The Bible of San Isidoro de León, 920

Something that came across on all the chapters of Section I of Megg’s History of Graphic Design was the power of religion, myths and the idea of super natural forces, sacred rituals and ultimately God to control populations and how these beliefs also inspired and motivated the different forms of expression of the studied cultures and generations. At the same time, wars and conquers were the fastest ways to transmit knowledge to different regions.

The Spanish pictorial expressionism of Middle Ages is very interesting to me given that during this period, Muslims, Christians and Jews co-existed together under “Muslim ruled territory.” It is true that Christian and Jews were constrained and were considered “second class citizens” but the three groups managed to get along with a degree of religious freedom, benefiting from each other and bringing a degree of civilization similar to the Roman Empire or the Italian Renaissance.  I was fascinated with the idea presented on the text about using Arabic style designs to decorate Spanish Christian manuscripts. P.52. Developing on the topic, I found out that the Arabic influence was also present on some of the Hebrew Illuminated manuscripts created in that region, mostly Hebrew Bibles.  It is also very sad to think on the numerous Muslim Illuminated manuscripts created in Spain  are rare to find these days.  They were probably destroyed during the Inquisition, together with  Hebrew manuscripts.

Illuminated Manuscripts known as “Mozarabic” Manuscripts were created around the eleven and tenth century and are miniature religious books, written and designed in the scriptoriums of Leon and Castille. One of the strangest  Illuminated Manuscript of this period is the Bible of San Isidoro de León.  This Bible is well documented and the decorations and calligraphy as well as the annotations on the margins are in both, Latin and Arab. The book  is dated with great precision and combines strong Islamic, Visigothic and Caroline influences. The bible has schematic mofits, a lot  of zoomorphic representations and saturated colors, all the above characteristic of Mozarabic Illuminated Manuscripts.

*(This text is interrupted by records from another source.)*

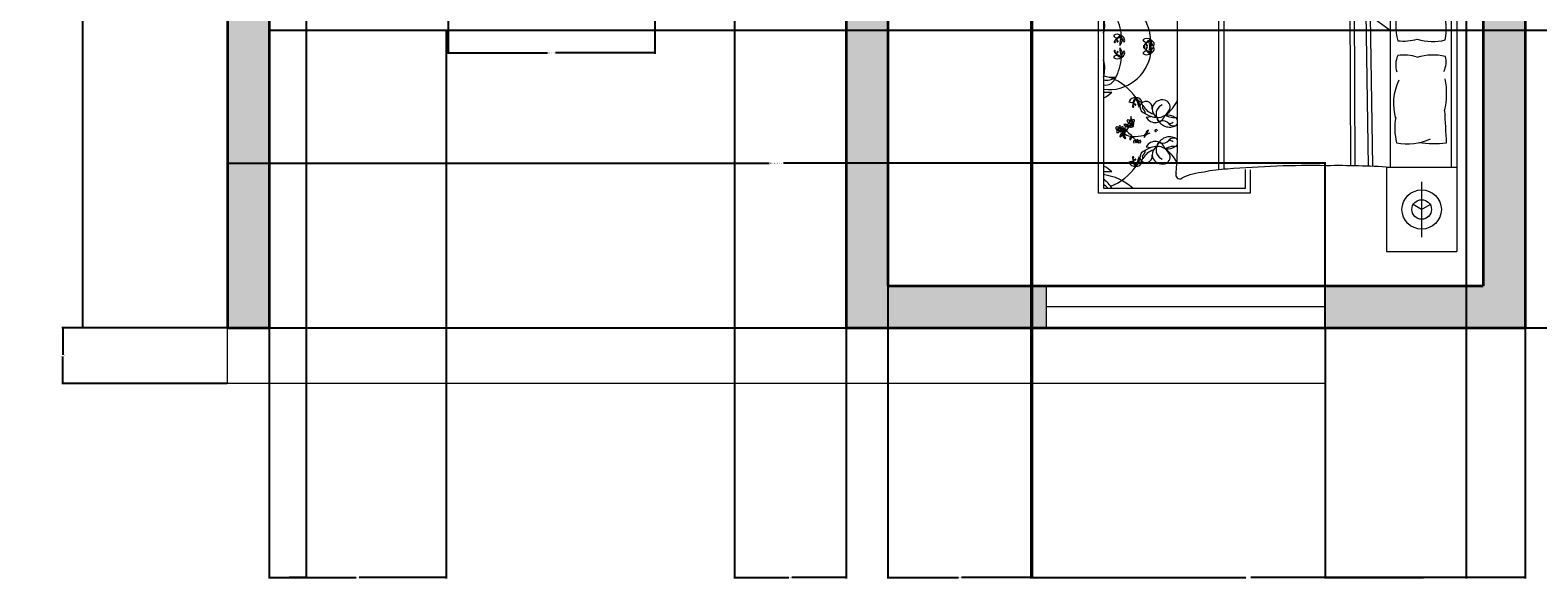
# Model space of a CAD drawing. Units: inches. Extents: x 37 to 706, y -568 to 110.
# Tile 1 of 24: x 37 to 361, y -568 to -450. Entities that reach past the tile are written whole.
import ezdxf

# ---------------------------------------------------------------- set-up
doc = ezdxf.new("R2010")
doc.units = ezdxf.units.IN
doc.header["$MEASUREMENT"] = 0
for name, color, linetype, lineweight in [('A-ANNO-DIMS', 2, 'Continuous', 18), ('A-FLOR-STRS', 7, 'Continuous', 18), ('A-FURN', 8, 'Continuous', 13), ('A-GLAZ', 4, 'Continuous', 18), ('A-WALL', 7, 'Continuous', 35), ('A-WALL-PATT', 252, 'Continuous', 13)]:
    doc.layers.add(name, color=color, linetype=linetype, lineweight=lineweight)
doc.styles.get("Standard").update_dxf_attribs({"font": 'arial.ttf'})
doc.dimstyles.get("Standard").update_dxf_attribs({"dimtxt": 0.18, "dimasz": 0.18, "dimexe": 0.18, "dimexo": 0.0625, "dimgap": 0.09, "dimtad": 0, "dimtih": 1, "dimtoh": 1, "dimdec": 0, "dimzin": 0, "dimdsep": 46, "dimlunit": 3, "dimtxsty": 'Standard', "dimcen": 0.09, "dimadec": 0, "dimazin": 0, "dimtfac": 1, "dimtdec": 0, "dimtofl": 0, "dimtmove": 0, "dimatfit": 3, "dimfxl": 1, "dimtolj": 1, "dimtzin": 0, "dimarcsym": 0})

# ---------------------------------------------------------------- blocks, each defined once
blk = doc.blocks.new('*D3')
at = {"layer": 'A-ANNO-DIMS', "color": 0, "lineweight": -2, "transparency": 16777216}
for p, q in [((78.9, 51.29), (47.67, 51.29)), ((47.85, 51.11), (47.85, -228.11)), ((47.85, -513.53), (47.85, -234.31)), ((78.9, -513.71), (47.67, -513.71))]:
    blk.add_line(p, q, dxfattribs=at)
at = {"layer": 'A-ANNO-DIMS', "color": 0, "transparency": 16777216}
for points in [[(47.82, 51.11), (47.88, 51.11), (47.85, 51.29)], [(47.82, -513.53), (47.88, -513.53), (47.85, -513.71)]]:
    blk.add_solid(points, dxfattribs=at)
at = {"layer": 'Defpoints', "color": 0, "transparency": 16777216}
for p in [(78.96, 51.29), (47.85, -513.71), (78.96, -513.71)]:
    blk.add_point(p, dxfattribs=at)
at = {"layer": 'A-ANNO-DIMS', "color": 0, "transparency": 16777216, "insert": (47.85, -231.21), "char_height": 6, "attachment_point": 5}
blk.add_mtext('\\A1;47\'-1"', dxfattribs=at)
blk = doc.blocks.new('BED-DOUBLE-WITH-NIGHTSTANDS')
for p, q in [((77.02, 90.57), (77.02, 0)), ((69.47, 75.59), (69.47, 87.43)), ((63.56, 81.51), (75.39, 81.51)), ((0, 78.61), (32.62, 78.61)), ((0, 12.59), (0, 78.61)), ((32.62, 78.61), (32.62, 73.49)), ((1.05, 77.56), (1.05, 13.64)), ((31.58, 77.56), (1.05, 77.56)), ((31.58, 73.49), (31.58, 77.56)), ((25.85, 17.62), (25.85, 73.5)), ((26.98, 17.7), (26.98, 73.5)), ((50.48, 72.53), (51.22, 73.26)), ((50.85, 68.86), (50.48, 72.53)), ((51.22, 73.26), (55.07, 69.96)), ((77.02, 72.45), (52.16, 72.45)), ((62.71, 72.45), (62.71, 18.11)), ((75.86, 18.11), (75.86, 72.45)), ((10.23, 68.64), (11.25, 68.84)), ((50.48, 64.28), (50.85, 68.86)), ((55.07, 69.96), (57.63, 66.48)), ((57.63, 66.48), (60.02, 59.87)), ((10.23, 62.31), (11.25, 62.11)), ((16.95, 26.9), (16.95, 63.67)), ((49.93, 60.24), (50.48, 64.28)), ((48.83, 57.86), (49.93, 60.24)), ((60.02, 59.87), (62.71, 50)), ((48.1, 54.92), (48.83, 57.86)), ((50.48, 54.55), (48.1, 54.92)), ((55.8, 52.54), (50.48, 54.55)), ((54.24, 18.43), (54.09, 53.18)), ((55.17, 18.44), (55.03, 52.83)), ((62.71, 47.57), (55.8, 52.54)), ((58.02, 18.39), (57.55, 51.28)), ((58.95, 18.36), (58.49, 50.6)), ((10.23, 28.89), (11.25, 29.09)), ((10.23, 22.56), (11.25, 22.36)), ((31.58, 13.64), (31.58, 17.63)), ((32.62, 17.61), (32.62, 12.59)), ((1.05, 13.64), (31.58, 13.64)), ((69.47, 14.97), (69.47, 3.14)), ((32.62, 12.59), (0, 12.59))]:
    blk.add_line(p, q)
for points in [[(61.93, 72.45), (61.93, 90.57), (77.02, 90.57)], [(69.47, 81.51), (67.64, 80.45)], [(69.47, 81.51), (71.3, 80.45)], [(77.02, 18.11), (61.93, 18.11), (61.93, 0), (77.02, 0)], [(69.47, 9.06), (67.64, 10.11)], [(69.47, 9.06), (71.3, 10.11)]]:
    blk.add_lwpolyline(points)
for points in [[(42.92, 73.45, 0.001242), (25.74, 73.5, -0.127202), (17.18, 75.31)], [(74.76, 67.25, 0.074897), (68.85, 67.14, -0.472817)], [(68.52, 45.71, 0.14099), (74.55, 45.53, 0.235245)], [(68.52, 41.84, -0.14099), (74.55, 42.02, -0.235245)], [(74.76, 23.32, -0.074897), (68.85, 23.42, 0.472817)], [(27.69, 17.73, 0.056112), (22.71, 17.07, 0.095341), (17.91, 15.8)]]:
    blk.add_lwpolyline(points, format="xyb")
for centre, radius in [((69.47, 81.51), 4.23), ((69.47, 81.51), 2.11), ((4.52, 64.91), 0.231), ((6.95, 63.41), 0.231), ((4.52, 26.28), 0.231), ((6.95, 27.79), 0.231), ((69.47, 9.06), 4.23), ((69.47, 9.06), 2.11)]:
    blk.add_circle(centre, radius)
for centre, radius, start, end in [((-3.2, 82.51), 7.18, 306.3036, 316.4814), ((-2.13, 80.43), 5.76, 303.4617, 330.1116), ((-0.54, 86.37), 11.83, 277.745, 311.8856), ((-1.71, 66.13), 11.83, 34.3865, 68.5908), ((17.23, 74.48), 0.836, 93.98, 207.3412), ((-0.79, 77.21), 4.81, 292.5547, 318.9546), ((1.79, 90.38), 16.36, 267.4081, 273.6519), ((7.77, 71.53), 1.31, 77.7115, 159.0387), ((7.06, 72.84), 0.988, 238.4633, 358.2869), ((10.3, 70.85), 2.99, 138.8402, 177.9352), ((8.5, 71.96), 0.967, 117.6827, 223.7762), ((7.89, 71.38), 0.128, 223.7762, 159.7183), ((8.28, 71.86), 0.98, 2.9516, 103.728), ((16.12, 74.61), 8.27, 192.5173, 207.1824), ((6.95, 71.3), 1.87, 345.4653, 54.2343), ((9.77, 73.87), 2.02, 211.3827, 255.2969), ((10.16, 70.71), 1.36, 350.264, 160.8688), ((8.69, 70.99), 0.833, 333.9755, 53.2681), ((13.65, 70.21), 2.16, 84.9449, 172.8857), ((14.47, 69.36), 2.1, 111.5819, 201.4221), ((13.86, 70.84), 1.53, 354.4856, 91.0538), ((10.57, 74.83), 6.85, 303.6671, 333.2997), ((-77.32, 64.75), 94.28, 359.3433, 5.6887), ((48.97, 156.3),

Pages of Isidoro de León Bible

 This is one of the most studied bibles and  there are many articles related to this book.  Among them,  I found that  many studies relate the figures of bulls and some of the faces of “Guernica” by Pablo Picasso with some of the paintings of this bible. (See image below). It is known that the bible was displayed in Barcelona in 1929 and in Paris in 1937, year when Picasso completed Guernica responding to the bombimg of  the town of Guernica by the Germans in 1937 during the Spanish Civil War. Guernica is an iconic painting, a  vision of the Second World War and it is known as an international icon for peace. This is probably Picasso’s master piece and during his lifetime, the artist refused to explain the imagery presented on Guernica.

Louis Delaprée says on is catalogue for “ Picasso: Peace and Freedom “an exhibition at Tate Liverpool, May 21–August 30, 2010; the Albertina, Vienna, September 22, 2010–January 16, 2011; the Louisiana Museum of Modern Art, Humlebæk, Denmark, February 11–May 29, 2011, Catalog of the exhibition edited by Lynda Morris and Christoph Grunenberg, London: Tate Publishing, 255 pp. .”As someone who frequently talked to Picasso in the 1950s, I realized that for all his overt loyalty to the French Communist Party, his most intense feelings in exile were more and more focused on Spain, specifically Spain’s “Golden Age” of Velázquez and Ribera, Góngora and Calderón. What Picasso wanted above all was a full-scale retrospective in his native land that would accord him a similar status.

I would  leave it here for now, wondering if Picasso,” being Picasso”, was thinking on honoring not only Guernica’s people, but also all the people who lived as “Mozarabics” (monks, priest, secular, ordinary people.)  The ones who did not have a choice and had to live, in a metaphoric way ” bullfighthing”  among Muslim rulers, anglo-saxon’s aristocrats and religious figures.  It is the same way Picasso’s generation lived while  Francisco Franco ruled Spain, and many other people lived and still live  under a similar or worse  situation since tyrannies  repeat  cyclically all over the world, just with different people different centuries and places.

Brief reference about the times

Moors invaded the Iberic Peninsula in the eight century and for 750 years established control in the South of the Peninsula, what is today Andalucía. During this period all aspects of culture from language, art and architecture had strong Moors influence. Together with Moors, inhabitants of the Iberic Peninsula included Jews, Christians. The Kingdoms of Castile, Aragón and Portugal (all located in the North of the Iberic Peninsula) slowly recovered from the Moor’s invasion and started what is known as “Reconquista,” that ended in 1492 with the fall of Granada.


Alejandra Chaverri

October 6th 2012

Other references

Mentré, Mireille. “Illuminated Manuscripsts of Medieval Spain” Thames and Hudson, 2nd Ed., 1996.